We will deduce Theorem 3.1 from the following result for Denjoy–Carleman classes of Roumieu type. It is due to [37] under slightly stronger conditions; the version stated here is a special case of [17, Theorem 3.2].

Theorem 3.2

Let $M \preccurlyeq N$ be weight sequences with $\liminf _{p \rightarrow \infty } \left( m_p \right) ^{1/p} > 0$. Then $\Lambda ^{\{M\}} \subseteq j^\infty _0 {\mathcal {D}}^{\{N\}}([-1,1])$ if and only if $M \prec _{SV} N$.

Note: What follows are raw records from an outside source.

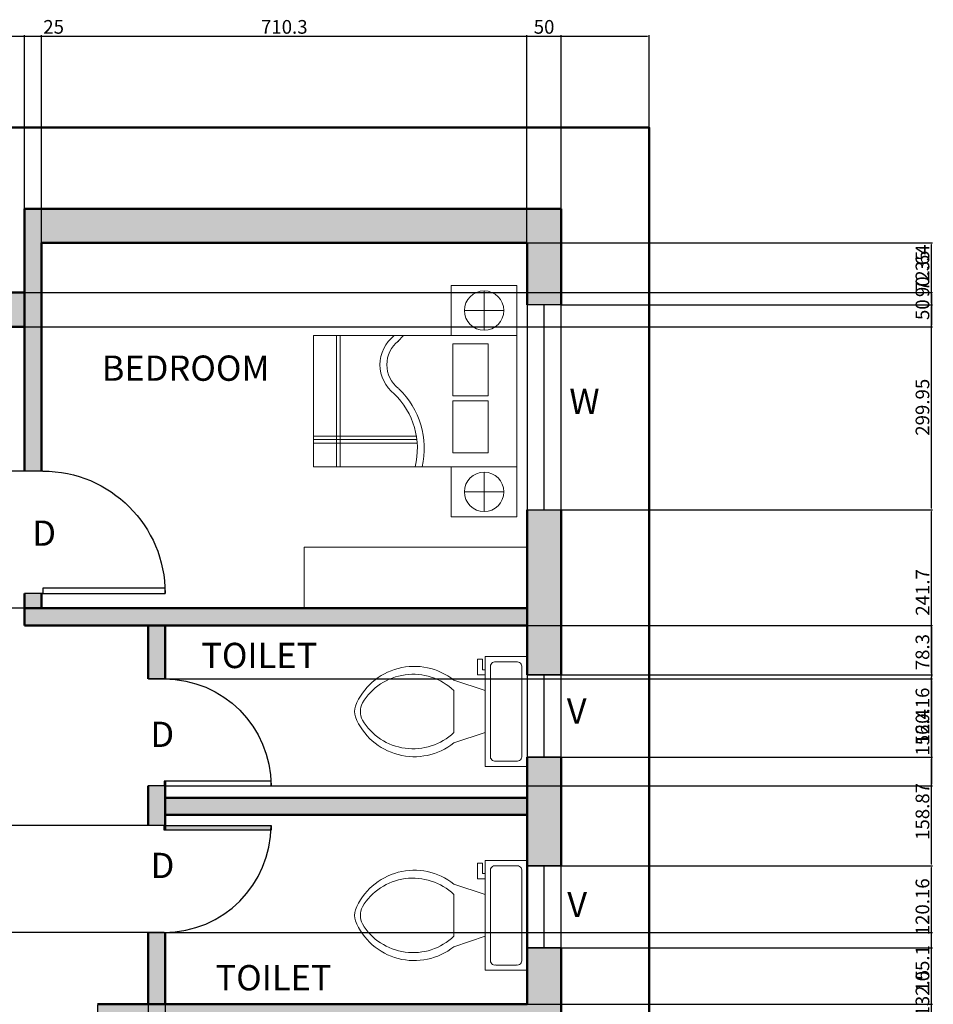
# Model space of a CAD drawing. Units: millimetres. Extents: x 1898 to 8115, y 727 to 4291.
# Tile 7 of 7: x 6778 to 8115, y 2277 to 3717. Entities that reach past the tile are written whole.
import ezdxf

# ---------------------------------------------------------------- set-up
doc = ezdxf.new("R2010")
doc.units = ezdxf.units.MM
for name, color, linetype, lineweight in [('A-ANNO-DIMS', 2, 'Continuous', 18), ('A-ANNO-TEXT', 7, 'Continuous', 25), ('A-AREA-IDEN', 3, 'Continuous', 25), ('A-DOOR', 3, 'Continuous', 25), ('A-FLOR-FIXT', 9, 'Continuous', 18), ('A-FURN', 8, 'Continuous', 18), ('A-GLAZ', 4, 'Continuous', 25), ('A-WALL', 7, 'Continuous', 50), ('A-WALL-PATT', 8, 'Continuous', 13)]:
    doc.layers.add(name, color=color, linetype=linetype, lineweight=lineweight)
doc.styles.get("Standard").update_dxf_attribs({"font": 'arial.ttf'})
doc.dimstyles.new('ISO-25', dxfattribs={"dimtxt": 20, "dimasz": 2.5, "dimexe": 1.25, "dimexo": 0.625, "dimtad": 1, "dimtxsty": 'Standard', "dimcen": 2.5, "dimadec": 0, "dimazin": 0, "dimtfac": 1, "dimtmove": 0, "dimatfit": 3, "dimfxl": 1, "dimarcsym": 0})

# ---------------------------------------------------------------- blocks, each defined once
blk = doc.blocks.new('*U43')
for p, q in [((0, 0), (0, -6)), ((40, 0), (40, -6))]:
    blk.add_line(p, q)
blk.add_lwpolyline([(0, 0), (0, 40), (1.75, 40), (1.75, 0)], close=True)
blk.add_arc((0, 0), 40, 0, 90)
blk = doc.blocks.new('*U45')
for p, q in [((9.5, -6), (9.5, -2)), ((-10, -8.5), (-8, -8.5)), ((-10, -9.5), (-10, -8.5)), ((-8, -8.5), (-8, -8)), ((-7, -8), (-7, -9.5)), ((-4, -8), (-6, -14)), ((4, -8), (6, -14)), ((-7, -9.5), (-10, -9.5)), ((4, -14), (-4, -14))]:
    blk.add_line(p, q)
blk.add_lwpolyline([(10.5, -8), (10.5, 0), (-10.5, 0), (-10.5, -8)], close=True)
for points in [[(8.5, -1), (-8.5, -1)], [(-9.5, -2), (-9.5, -6)], [(-8.5, -7), (8.5, -7)]]:
    blk.add_lwpolyline(points)
for centre, radius, start, end in [((-8.62, -1.88), 0.884, 81.8699, 188.1301), ((8.62, -1.88), 0.884, 351.8699, 98.1301), ((-8.62, -6.12), 0.884, 171.8699, 278.1301), ((8.62, -6.12), 0.884, 261.8699, 8.1301), ((3.52, -21.58), 12.17, 141.4691, 247.9714), ((4.2, -21.82), 11.33, 136.3677, 238.9468), ((-3.52, -21.58), 12.17, 292.0284, 38.5307), ((-4.2, -21.82), 11.33, 301.053, 43.6321), ((0, -27.88), 4, 245.7318, 294.2682), ((0, -29), 4, 254.8605, 285.1395)]:
    blk.add_arc(centre, radius, start, end)
blk = doc.blocks.new('*D57')
at = {"layer": 'A-ANNO-DIMS', "color": 0, "lineweight": -2, "transparency": 16777216}
for p, q in [((5348.6, 3560.4), (5348.6, 3694.5)), ((5351.1, 3693.2), (7696.3, 3693.2)), ((7698.8, 3560.4), (7698.8, 3694.5))]:
    blk.add_line(p, q, dxfattribs=at)
at = {"layer": 'A-ANNO-DIMS', "color": 0, "transparency": 16777216}
for points in [[(5351.1, 3693.7), (5351.1, 3692.8), (5348.6, 3693.2)], [(7696.3, 3693.7), (7696.3, 3692.8), (7698.8, 3693.2)]]:
    blk.add_solid(points, dxfattribs=at)
at = {"layer": 'Defpoints', "color": 0, "transparency": 16777216}
for p in [(7698.8, 3693.2), (5348.6, 3559.7), (7698.8, 3559.7)]:
    blk.add_point(p, dxfattribs=at)
at = {"layer": 'A-ANNO-DIMS', "color": 0, "transparency": 16777216, "insert": (6523.7, 3704.1), "char_height": 20, "attachment_point": 5}
blk.add_mtext('2350', dxfattribs=at)
blk = doc.blocks.new('*D58')
at = {"layer": 'A-ANNO-DIMS', "color": 0, "lineweight": -2, "transparency": 16777216}
for p, q in [((5461.6, 3441.3), (5461.6, 3694.5)), ((5464.1, 3693.2), (7567.7, 3693.2)), ((7570.2, 3441.3), (7570.2, 3694.5))]:
    blk.add_line(p, q, dxfattribs=at)
at = {"layer": 'A-ANNO-DIMS', "color": 0, "transparency": 16777216}
for points in [[(5464.1, 3693.7), (5464.1, 3692.8), (5461.6, 3693.2)], [(7567.7, 3693.7), (7567.7, 3692.8), (7570.2, 3693.2)]]:
    blk.add_solid(points, dxfattribs=at)
at = {"layer": 'Defpoints', "color": 0, "transparency": 16777216}
for p in [(7570.2, 3693.2), (5461.6, 3440.7), (7570.2, 3440.7)]:
    blk.add_point(p, dxfattribs=at)
at = {"layer": 'A-ANNO-DIMS', "color": 0, "transparency": 16777216, "insert": (6515.9, 3704.1), "char_height": 20, "attachment_point": 5}
blk.add_mtext('2108.6', dxfattribs=at)
blk = doc.blocks.new('*D66')
at = {"layer": 'A-ANNO-DIMS', "color": 0, "lineweight": -2, "transparency": 16777216}
for p, q in [((6201.7, 3318.6), (6201.7, 3694.5)), ((6204.2, 3693.2), (6782.4, 3693.2)), ((6784.9, 3318.6), (6784.9, 3694.5))]:
    blk.add_line(p, q, dxfattribs=at)
at = {"layer": 'A-ANNO-DIMS', "color": 0, "transparency": 16777216}
for points in [[(6204.2, 3693.7), (6204.2, 3692.8), (6201.7, 3693.2)], [(6782.4, 3693.7), (6782.4, 3692.8), (6784.9, 3693.2)]]:
    blk.add_solid(points, dxfattribs=at)
at = {"layer": 'Defpoints', "color": 0, "transparency": 16777216}
for p in [(6784.9, 3693.2), (6201.7, 3318), (6784.9, 3318)]:
    blk.add_point(p, dxfattribs=at)
at = {"layer": 'A-ANNO-DIMS', "color": 0, "transparency": 16777216, "insert": (6493.3, 3704.1), "char_height": 20, "attachment_point": 5}
blk.add_mtext('583.2', dxfattribs=at)
blk = doc.blocks.new('*D67')
at = {"layer": 'A-ANNO-DIMS', "color": 0, "lineweight": -2, "transparency": 16777216}
for p, q in [((6784.9, 3318.6), (6784.9, 3694.5)), ((6787.4, 3693.2), (6807.4, 3693.2)), ((6809.9, 3391.3), (6809.9, 3694.5)), ((6809.9, 3693.2), (6842.8, 3693.2))]:
    blk.add_line(p, q, dxfattribs=at)
at = {"layer": 'A-ANNO-DIMS', "color": 0, "transparency": 16777216}
for points in [[(6787.4, 3693.7), (6787.4, 3692.8), (6784.9, 3693.2)], [(6807.4, 3693.7), (6807.4, 3692.8), (6809.9, 3693.2)]]:
    blk.add_solid(points, dxfattribs=at)
at = {"layer": 'Defpoints', "color": 0, "transparency": 16777216}
for p in [(6809.9, 3693.2), (6809.9, 3390.7), (6784.9, 3318)]:
    blk.add_point(p, dxfattribs=at)
at = {"layer": 'A-ANNO-DIMS', "color": 0, "transparency": 16777216, "insert": (6827.6, 3704.1), "char_height": 20, "attachment_point": 5}
blk.add_mtext('25', dxfattribs=at)
blk = doc.blocks.new('*D68')
at = {"layer": 'A-ANNO-DIMS', "color": 0, "lineweight": -2, "transparency": 16777216}
for p, q in [((6809.9, 3391.3), (6809.9, 3694.5)), ((6812.4, 3693.2), (7517.7, 3693.2)), ((7520.2, 3391.3), (7520.2, 3694.5))]:
    blk.add_line(p, q, dxfattribs=at)
at = {"layer": 'A-ANNO-DIMS', "color": 0, "transparency": 16777216}
for points in [[(6812.4, 3693.7), (6812.4, 3692.8), (6809.9, 3693.2)], [(7517.7, 3693.7), (7517.7, 3692.8), (7520.2, 3693.2)]]:
    blk.add_solid(points, dxfattribs=at)
at = {"layer": 'Defpoints', "color": 0, "transparency": 16777216}
for p in [(7520.2, 3693.2), (6809.9, 3390.7), (7520.2, 3390.7)]:
    blk.add_point(p, dxfattribs=at)
at = {"layer": 'A-ANNO-DIMS', "color": 0, "transparency": 16777216, "insert": (7165.1, 3704.1), "char_height": 20, "attachment_point": 5}
blk.add_mtext('710.3', dxfattribs=at)
blk = doc.blocks.new('*D69')
at = {"layer": 'A-ANNO-DIMS', "color": 0, "lineweight": -2, "transparency": 16777216}
for p, q in [((7520.2, 3391.3), (7520.2, 3694.5)), ((7522.7, 3693.2), (7567.7, 3693.2)), ((7570.2, 3300.9), (7570.2, 3694.5))]:
    blk.add_line(p, q, dxfattribs=at)
at = {"layer": 'A-ANNO-DIMS', "color": 0, "transparency": 16777216}
for points in [[(7522.7, 3693.7), (7522.7, 3692.8), (7520.2, 3693.2)], [(7567.7, 3693.7), (7567.7, 3692.8), (7570.2, 3693.2)]]:
    blk.add_solid(points, dxfattribs=at)
at = {"layer": 'Defpoints', "color": 0, "transparency": 16777216}
for p in [(7570.2, 3693.2), (7520.2, 3390.7), (7570.2, 3300.3)]:
    blk.add_point(p, dxfattribs=at)
at = {"layer": 'A-ANNO-DIMS', "color": 0, "transparency": 16777216, "insert": (7545.2, 3704.1), "char_height": 20, "attachment_point": 5}
blk.add_mtext('50', dxfattribs=at)
blk = doc.blocks.new('*D94')
at = {"layer": 'A-ANNO-DIMS', "color": 0, "lineweight": -2, "transparency": 16777216}
for p, q in [((7570.8, 2359.5), (8113.5, 2359.5)), ((8112.2, 2229.5), (8112.2, 2357)), ((7570.8, 2227), (8113.5, 2227))]:
    blk.add_line(p, q, dxfattribs=at)
at = {"layer": 'A-ANNO-DIMS', "color": 0, "transparency": 16777216}
for points in [[(8111.8, 2357), (8112.7, 2357), (8112.2, 2359.5)], [(8111.8, 2229.5), (8112.7, 2229.5), (8112.2, 2227)]]:
    blk.add_solid(points, dxfattribs=at)
at = {"layer": 'Defpoints', "color": 0, "transparency": 16777216}
for p in [(7570.2, 2359.5), (8112.2, 2359.5), (7570.2, 2227)]:
    blk.add_point(p, dxfattribs=at)
at = {"layer": 'A-ANNO-DIMS', "color": 0, "transparency": 16777216, "insert": (8101.4, 2293.2), "char_height": 20, "attachment_point": 5, "rotation": 90}
blk.add_mtext('132.5', dxfattribs=at)
blk = doc.blocks.new('*D95')
at = {"layer": 'A-ANNO-DIMS', "color": 0, "lineweight": -2, "transparency": 16777216}
for p, q in [((7570.8, 2479.6), (8113.5, 2479.6)), ((8112.2, 2362), (8112.2, 2477.1)), ((7570.8, 2359.5), (8113.5, 2359.5))]:
    blk.add_line(p, q, dxfattribs=at)
at = {"layer": 'A-ANNO-DIMS', "color": 0, "transparency": 16777216}
for points in [[(8111.8, 2477.1), (8112.7, 2477.1), (8112.2, 2479.6)], [(8111.8, 2362), (8112.7, 2362), (8112.2, 2359.5)]]:
    blk.add_solid(points, dxfattribs=at)
at = {"layer": 'Defpoints', "color": 0, "transparency": 16777216}
for p in [(7570.2, 2479.6), (8112.2, 2479.6), (7570.2, 2359.5)]:
    blk.add_point(p, dxfattribs=at)
at = {"layer": 'A-ANNO-DIMS', "color": 0, "transparency": 16777216, "insert": (8101.4, 2419.6), "char_height": 20, "attachment_point": 5, "rotation": 90}
blk.add_mtext('120.16', dxfattribs=at)
blk = doc.blocks.new('*D96')
at = {"layer": 'A-ANNO-DIMS', "color": 0, "lineweight": -2, "transparency": 16777216}
for p, q in [((7570.8, 2638.5), (8113.5, 2638.5)), ((8112.2, 2482.1), (8112.2, 2636)), ((7570.8, 2479.6), (8113.5, 2479.6))]:
    blk.add_line(p, q, dxfattribs=at)
at = {"layer": 'A-ANNO-DIMS', "color": 0, "transparency": 16777216}
for points in [[(8111.8, 2636), (8112.7, 2636), (8112.2, 2638.5)], [(8111.8, 2482.1), (8112.7, 2482.1), (8112.2, 2479.6)]]:
    blk.add_solid(points, dxfattribs=at)
at = {"layer": 'Defpoints', "color": 0, "transparency": 16777216}
for p in [(7570.2, 2638.5), (8112.2, 2638.5), (7570.2, 2479.6)]:
    blk.add_point(p, dxfattribs=at)
at = {"layer": 'A-ANNO-DIMS', "color": 0, "transparency": 16777216, "insert": (8101.4, 2559.1), "char_height": 20, "attachment_point": 5, "rotation": 90}
blk.add_mtext('158.87', dxfattribs=at)
blk = doc.blocks.new('*D97')
at = {"layer": 'A-ANNO-DIMS', "color": 0, "lineweight": -2, "transparency": 16777216}
for p, q in [((7570.8, 2758.7), (8113.5, 2758.7)), ((8112.2, 2641), (8112.2, 2756.2)), ((7570.8, 2638.5), (8113.5, 2638.5))]:
    blk.add_line(p, q, dxfattribs=at)
at = {"layer": 'A-ANNO-DIMS', "color": 0, "transparency": 16777216}
for points in [[(8111.8, 2756.2), (8112.7, 2756.2), (8112.2, 2758.7)], [(8111.8, 2641), (8112.7, 2641), (8112.2, 2638.5)]]:
    blk.add_solid(points, dxfattribs=at)
at = {"layer": 'Defpoints', "color": 0, "transparency": 16777216}
for p in [(7570.2, 2758.7), (8112.2, 2758.7), (7570.2, 2638.5)]:
    blk.add_point(p, dxfattribs=at)
at = {"layer": 'A-ANNO-DIMS', "color": 0, "transparency": 16777216, "insert": (8101.4, 2698.6), "char_height": 20, "attachment_point": 5, "rotation": 90}
blk.add_mtext('120.16', dxfattribs=at)
blk = doc.blocks.new('*D98')
at = {"layer": 'A-ANNO-DIMS', "color": 0, "lineweight": -2, "transparency": 16777216}
for p, q in [((7570.8, 3000.4), (8113.5, 3000.4)), ((8112.2, 2761.2), (8112.2, 2997.9)), ((7570.8, 2758.7), (8113.5, 2758.7))]:
    blk.add_line(p, q, dxfattribs=at)
at = {"layer": 'A-ANNO-DIMS', "color": 0, "transparency": 16777216}
for points in [[(8111.8, 2997.9), (8112.7, 2997.9), (8112.2, 3000.4)], [(8111.8, 2761.2), (8112.7, 2761.2), (8112.2, 2758.7)]]:
    blk.add_solid(points, dxfattribs=at)
at = {"layer": 'Defpoints', "color": 0, "transparency": 16777216}
for p in [(7570.2, 3000.4), (8112.2, 3000.4), (7570.2, 2758.7)]:
    blk.add_point(p, dxfattribs=at)
at = {"layer": 'A-ANNO-DIMS', "color": 0, "transparency": 16777216, "insert": (8101.6, 2879.5), "char_height": 20, "attachment_point": 5, "rotation": 90}
blk.add_mtext('241.7', dxfattribs=at)
blk = doc.blocks.new('*D99')
at = {"layer": 'A-ANNO-DIMS', "color": 0, "lineweight": -2, "transparency": 16777216}
for p, q in [((7570.8, 3300.3), (8113.5, 3300.3)), ((8112.2, 3002.9), (8112.2, 3297.8)), ((7570.8, 3000.4), (8113.5, 3000.4))]:
    blk.add_line(p, q, dxfattribs=at)
at = {"layer": 'A-ANNO-DIMS', "color": 0, "transparency": 16777216}
for points in [[(8111.8, 3297.8), (8112.7, 3297.8), (8112.2, 3300.3)], [(8111.8, 3002.9), (8112.7, 3002.9), (8112.2, 3000.4)]]:
    blk.add_solid(points, dxfattribs=at)
at = {"layer": 'Defpoints', "color": 0, "transparency": 16777216}
for p in [(7570.2, 3300.3), (8112.2, 3300.3), (7570.2, 3000.4)]:
    blk.add_point(p, dxfattribs=at)
at = {"layer": 'A-ANNO-DIMS', "color": 0, "transparency": 16777216, "insert": (8101.4, 3150.3), "char_height": 20, "attachment_point": 5, "rotation": 90}
blk.add_mtext('299.95', dxfattribs=at)
blk = doc.blocks.new('*D100')
at = {"layer": 'A-ANNO-DIMS', "color": 0, "lineweight": -2, "transparency": 16777216}
for p, q in [((7520.8, 3390.7), (8113.5, 3390.7)), ((8112.2, 3302.8), (8112.2, 3388.2)), ((7570.8, 3300.3), (8113.5, 3300.3))]:
    blk.add_line(p, q, dxfattribs=at)
at = {"layer": 'A-ANNO-DIMS', "color": 0, "transparency": 16777216}
for points in [[(8111.8, 3388.2), (8112.7, 3388.2), (8112.2, 3390.7)], [(8111.8, 3302.8), (8112.7, 3302.8), (8112.2, 3300.3)]]:
    blk.add_solid(points, dxfattribs=at)
at = {"layer": 'Defpoints', "color": 0, "transparency": 16777216}
for p in [(7520.2, 3390.7), (8112.2, 3390.7), (7570.2, 3300.3)]:
    blk.add_point(p, dxfattribs=at)
at = {"layer": 'A-ANNO-DIMS', "color": 0, "transparency": 16777216, "insert": (8101.4, 3345.5), "char_height": 20, "attachment_point": 5, "rotation": 90}
blk.add_mtext('90.35', dxfattribs=at)
blk = doc.blocks.new('*D101')
at = {"layer": 'A-ANNO-DIMS', "color": 0, "lineweight": -2, "transparency": 16777216}
for p, q in [((6810.5, 3390.7), (8113.5, 3390.7)), ((8112.2, 3320.5), (8112.2, 3388.2)), ((6785.5, 3318), (8113.5, 3318))]:
    blk.add_line(p, q, dxfattribs=at)
at = {"layer": 'A-ANNO-DIMS', "color": 0, "transparency": 16777216}
for points in [[(8111.8, 3388.2), (8112.7, 3388.2), (8112.2, 3390.7)], [(8111.8, 3320.5), (8112.7, 3320.5), (8112.2, 3318)]]:
    blk.add_solid(points, dxfattribs=at)
at = {"layer": 'Defpoints', "color": 0, "transparency": 16777216}
for p in [(6809.9, 3390.7), (8112.2, 3390.7), (6784.9, 3318)]:
    blk.add_point(p, dxfattribs=at)
at = {"layer": 'A-ANNO-DIMS', "color": 0, "transparency": 16777216, "insert": (8101.4, 3354.3), "char_height": 20, "attachment_point": 5, "rotation": 90}
blk.add_mtext('72.64', dxfattribs=at)
blk = doc.blocks.new('*D102')
at = {"layer": 'A-ANNO-DIMS', "color": 0, "lineweight": -2, "transparency": 16777216}
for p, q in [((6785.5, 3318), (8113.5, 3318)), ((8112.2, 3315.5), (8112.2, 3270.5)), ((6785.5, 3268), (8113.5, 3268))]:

Here ${\mathcal {D}}^{(N)}([-1,1])$ (resp. ${\mathcal {D}}^{\{N\}}([-1,1])$) denotes the space of ${\mathcal {E}}^{(N)}$ (resp. ${\mathcal {E}}^{\{N\}}$) functions supported in $[-1,1]$.

3.1 Auxiliary results

We show first that both sides of the equivalence (SV) imply ${\mathfrak {M}} (\preccurlyeq ) {\mathfrak {N}}$ and non-quasianalyticity of ${\mathfrak {N}}$. Similar results hold in the Roumieu case; cf. [24].

Lemma 3.3

Let ${\mathfrak {M}}$ and ${\mathfrak {N}}$ be weight matrices. Both sides of the equivalence (SV) imply ${\mathfrak {M}} (\preccurlyeq ) {\mathfrak {N}}$ and non-quasianalyticity of ${\mathfrak {N}}$.

Proof

By [36, Lemma 3.2], $M^{(x)} \prec _{SV} N^{(y)}$ implies $M^{(x)} \preccurlyeq N^{(y)}$ so that ${\mathfrak {M}} (\preccurlyeq ) {\mathfrak {N}}$ is clearly a consequence of the right-hand side of (SV).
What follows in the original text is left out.